Безбилетный пассажир, стр. 60

Зато следующий мой фильм, «Совсем пропащий», Параджанов вознес до небес. Он утверждал, что это шедевр, подарил мне икону и ковер (он вообще любил одаривать). И сказал, что сам, своими руками, сделает приз для этого фильма. И начал делать приз, но не успел — попал в тюрьму. Когда он вышел оттуда и мы встретились, первое, что он сказал:

— Я твой должник, за мной приз.

Я сказал, что не надо. В прошлый раз он стал его делать и попал в тюрьму, значит, приз — плохая примета.

В девяносто первом году я был на фестивале в Римини с картиной «Настя». Картина шла вне конкурса, и на заключительной церемонии я сидел спокойно — никаких наград моему фильму не полагалось.

И вдруг на сцену вышел мой друг, знаменитый сценарист Тонино Гуэрра, и стал что-то говорить по-итальянски. Сначала я услышал «Феллини», потом — «Параджанов», потом — «Данелия гранда реджиста». А потом все зааплодировали и Тонино вызвал на сцену меня, вручил мне какую-то коробочку и попросил, чтобы я ее открыл и показал залу. Я открыл и показал. И все снова зааплодировали. В коробочке был маленький серебряный медальон: Дева Мария.

Я раскланялся, сердечно поблагодарил Тонино и спустился в зал, так ничего и не поняв. (Тогда — впервые за тридцать лет нашей дружбы — Тонино был без своей жены Лоры, которая всегда переводила мне то, что он говорил.) И только после церемонии Лора мне объяснила: в тюрьме Параджанов собирал крышки из фольги, которыми тогда закрывали молочные бутылки. Он прессовал их в медальон и гвоздем делал на медальоне чеканку. Один из таких медальонов он подарил Тонино Гуэрра. Тонино отлил медальон в серебре и подарил своему другу Федерико Феллини, для которого написал много сценариев. Феллини в то время уже был болен и лежал в больнице. И Феллини сказал Тонино:

— Давай из этой медали сделаем приз и назовем его «Амаркорд». И будем вручать его на фестивале в Римини — в городе, где мы выросли и снимали фильм «Амаркорд». Это будет наш приз.

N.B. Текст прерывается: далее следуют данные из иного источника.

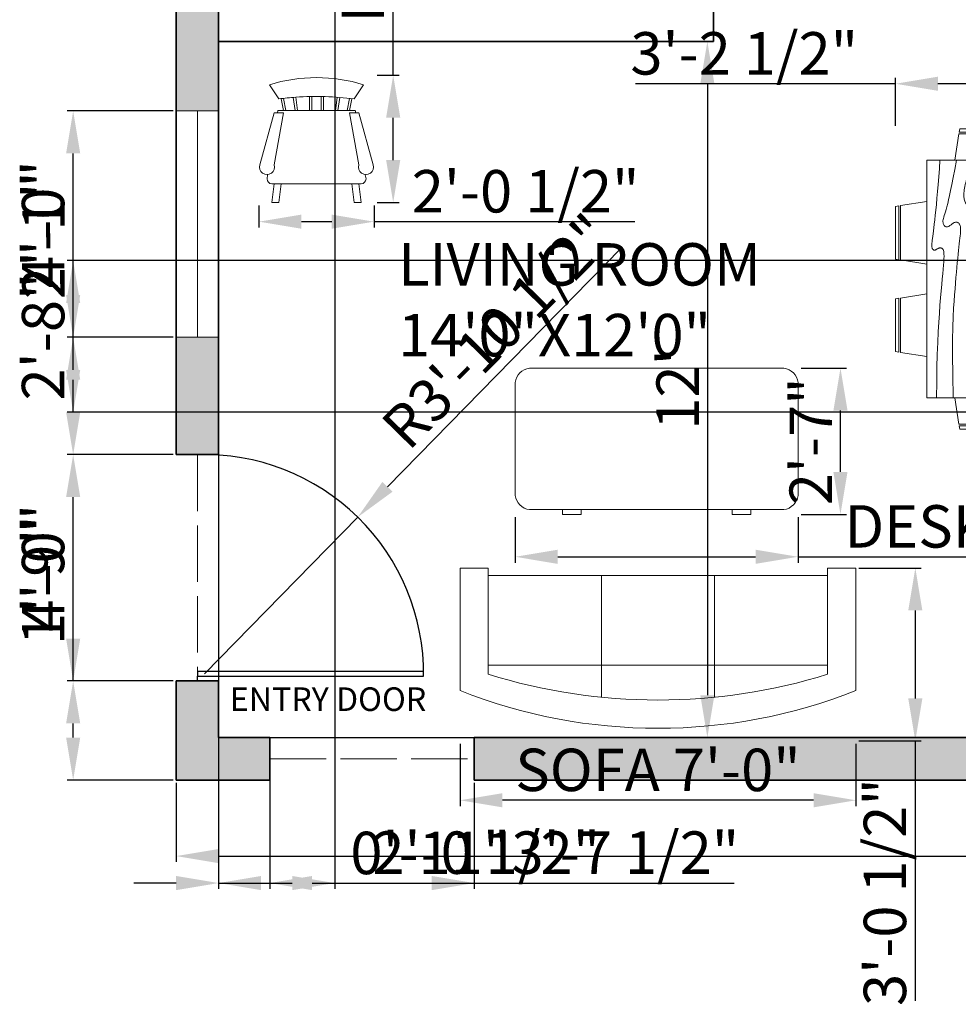
# Model space of a CAD drawing. Units: inches. Extents: x 39700 to 40173, y 40700 to 41139.
# Tile 1 of 4: x 39700 to 39899, y 40700 to 40909. Entities that reach past the tile are written whole.
import ezdxf

# ---------------------------------------------------------------- set-up
doc = ezdxf.new("R2010")
doc.units = ezdxf.units.IN
doc.linetypes.add('ACAD_ISO02W100', pattern=[15, 12, -3])
for name, color, linetype, lineweight in [('A-ANNO-DIMS', 2, 'Continuous', 18), ('A-ANNO-TEXT', 7, 'Continuous', 25), ('A-AREA-IDEN', 7, 'Continuous', 25), ('A-DOOR', 4, 'Continuous', 25), ('A-DOOR-HIDN', 4, 'ACAD_ISO02W100', 13), ('A-FURN', 8, 'Continuous', 18), ('A-GLAZ', 4, 'Continuous', 18), ('A-GLAZ-HIDN', 4, 'ACAD_ISO02W100', 13), ('A-WALL', 7, 'Continuous', 35)]:
    doc.layers.add(name, color=color, linetype=linetype, lineweight=lineweight)
doc.layers.add('A-WALL-PATT', color=251, linetype='Continuous', lineweight=13, true_color=0x636466)
doc.styles.get("Standard").update_dxf_attribs({"font": 'arial.ttf'})
doc.dimstyles.new('ISO-25', dxfattribs={"dimtxt": 9, "dimasz": 9, "dimexe": 1.25, "dimexo": 0.625, "dimtad": 1, "dimdec": 1, "dimrnd": 9, "dimlunit": 3, "dimtxsty": 'Standard', "dimcen": 2.5, "dimadec": 0, "dimazin": 0, "dimtfac": 1, "dimtdec": 1, "dimtmove": 0, "dimatfit": 3, "dimfxl": 1, "dimarcsym": 0})

# ---------------------------------------------------------------- blocks, each defined once
blk = doc.blocks.new('*D8')
at = {"layer": 'A-ANNO-DIMS', "color": 0, "lineweight": -2, "transparency": 16777216}
for p, q in [((39743.05, 40904.69), (39847.38, 40904.69)), ((39846.13, 40895.69), (39846.13, 40766.04)), ((39743.05, 40757.04), (39847.38, 40757.04))]:
    blk.add_line(p, q, dxfattribs=at)
at = {"layer": 'A-ANNO-DIMS', "color": 0, "transparency": 16777216}
for points in [[(39844.63, 40895.69), (39847.63, 40895.69), (39846.13, 40904.69)], [(39844.63, 40766.04), (39847.63, 40766.04), (39846.13, 40757.04)]]:
    blk.add_solid(points, dxfattribs=at)
at = {"layer": 'Defpoints', "color": 0, "transparency": 16777216}
for p in [(39742.42, 40904.69), (39742.42, 40757.04), (39846.13, 40757.04)]:
    blk.add_point(p, dxfattribs=at)
at = {"layer": 'A-ANNO-DIMS', "color": 0, "transparency": 16777216, "insert": (39840.99, 40830.87), "char_height": 9, "attachment_point": 5, "rotation": 90}
blk.add_mtext("12'", dxfattribs=at)
blk = doc.blocks.new('Dining Set - 36 x 72 in.')
for p, q in [((-22, 27.5), (-22.1562, 26.50042)), ((-22, 27.5), (-6, 27.5)), ((-5.8437, 26.49966), (-6, 27.5)), ((6, 27.5), (5.8438, 26.50042)), ((6, 27.5), (22, 27.5)), ((22.1563, 26.49966), (22, 27.5)), ((-22.2343, 26.00059), (-23.4847, 17.99762)), ((-22.2304, 26), (-5.7608, 26)), ((-5.8416, 26.5), (-22.1534, 26.5)), ((-4.5152, 17.99762), (-5.7655, 25.99926)), ((5.7657, 26.00059), (4.5153, 17.99762)), ((5.7696, 26), (22.2392, 26)), ((22.1584, 26.5), (5.8466, 26.5)), ((23.4848, 17.99762), (22.2345, 25.99926)), ((36, 18), (-36, 18)), ((-36, 18), (-36, -18)), ((36, -18), (36, 18)), ((-44.0006, 8.23428), (-35.9976, 9.48474)), ((44.0006, 8.23428), (35.9976, 9.48474)), ((-45.5, 8), (-44.5004, 8.15617)), ((-45.5, 8), (-45.5, -8)), ((-44.5, -8.15843), (-44.5, 8.15338)), ((-44, 8.23041), (-44, -8.23915)), ((44, 8.23041), (44, -8.23915)), ((44.5, -8.15843), (44.5, 8.15338)), ((45.5, 8), (44.5005, 8.15617)), ((45.5, 8), (45.5, -8)), ((-44.4997, -8.15631), (-45.5, -8)), ((-35.9976, -9.48476), (-43.9993, -8.2345)), ((35.9976, -9.48476), (43.9993, -8.2345)), ((44.4997, -8.15631), (45.5, -8)), ((-36, -18), (36, -18)), ((-22.2343, -26.0006), (-23.4847, -17.99762)), ((-4.5152, -17.99762), (-5.7655, -25.99928)), ((5.7657, -26.0006), (4.5153, -17.99762)), ((23.4848, -17.99762), (22.2345, -25.99928)), ((-22.2304, -26), (-5.7608, -26)), ((-22, -27.5), (-22.1562, -26.50044)), ((-5.8416, -26.5), (-22.1534, -26.5)), ((-5.8437, -26.49967), (-6, -27.5)), ((5.7696, -26), (22.2392, -26)), ((6, -27.5), (5.8438, -26.50044)), ((22.1584, -26.5), (5.8466, -26.5)), ((22.1563, -26.49967), (22, -27.5)), ((-22, -27.5), (-6, -27.5)), ((6, -27.5), (22, -27.5))]:
    blk.add_line(p, q)
for points in [[(-36, 15), (-31.1772, 14.97754), (-26.8079, 14.91406), (-22.8538, 14.81543), (-19.276, 14.6875), (-16.0362, 14.53613), (-13.0957, 14.36718), (-10.4159, 14.18652), (-7.9583, 14), (-5.6904, 13.81315), (-3.6035, 13.63021), (-1.6954, 13.45508), (0.0365, 13.29166), (1.5945, 13.14388), (2.9811, 13.01562), (4.1988, 12.9108), (5.25, 12.83333), (6.1393, 12.78613), (6.8802, 12.76823), (7.4883, 12.77767), (7.9792, 12.8125), (8.3685, 12.87077), (8.6719, 12.95052), (8.9049, 13.0498), (9.0833, 13.16666), (9.2205, 13.29899), (9.3216, 13.44401), (9.3895, 13.59879), (9.4271, 13.76041), (9.4373, 13.92594), (9.4232, 14.09245), (9.3875, 14.257), (9.3333, 14.41666), (9.2638, 14.56917), (9.1836, 14.71484), (9.0975, 14.85465), (9.0104, 14.98958), (8.9272, 15.1206), (8.8529, 15.2487), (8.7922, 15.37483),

Тонино рассказал Феллини, какие фильмы участвуют в конкурсе фестиваля и кто из режиссеров приехал. И Феллини предложил дать приз мне.

— Но ты же не видел фильм, который Данелия привез, — сказал Гуэрра.

— И не надо. Я видел «Не горюй!», и мне достаточно.

Таким образом я получил приз «Амаркорд» от Феллини за картину «Настя», которую он не видел, но любил фильм «Не горюй!», и от Параджанова за фильм «Не горюй!», который ему не понравился.

Маэстро

В начале 80-х в Риме проходил биеннале (фестиваль) под названием «Я вор». Каждый из приглашенных режиссеров (а режиссеров пригласили из многих стран) должен был назвать имя маэстро, чьи фильмы оказали влияние на его творчество, показать фрагменты из его фильмов, объяснить, в чем выражается это влияние, и показать свой собственный фильм.

Из Советского Союза на биеннале пригласили Бондарчука, Тарковского и меня (меня потому, что на предыдущем фестивале в Венеции «Осенний марафон» был признан лучшим фильмом).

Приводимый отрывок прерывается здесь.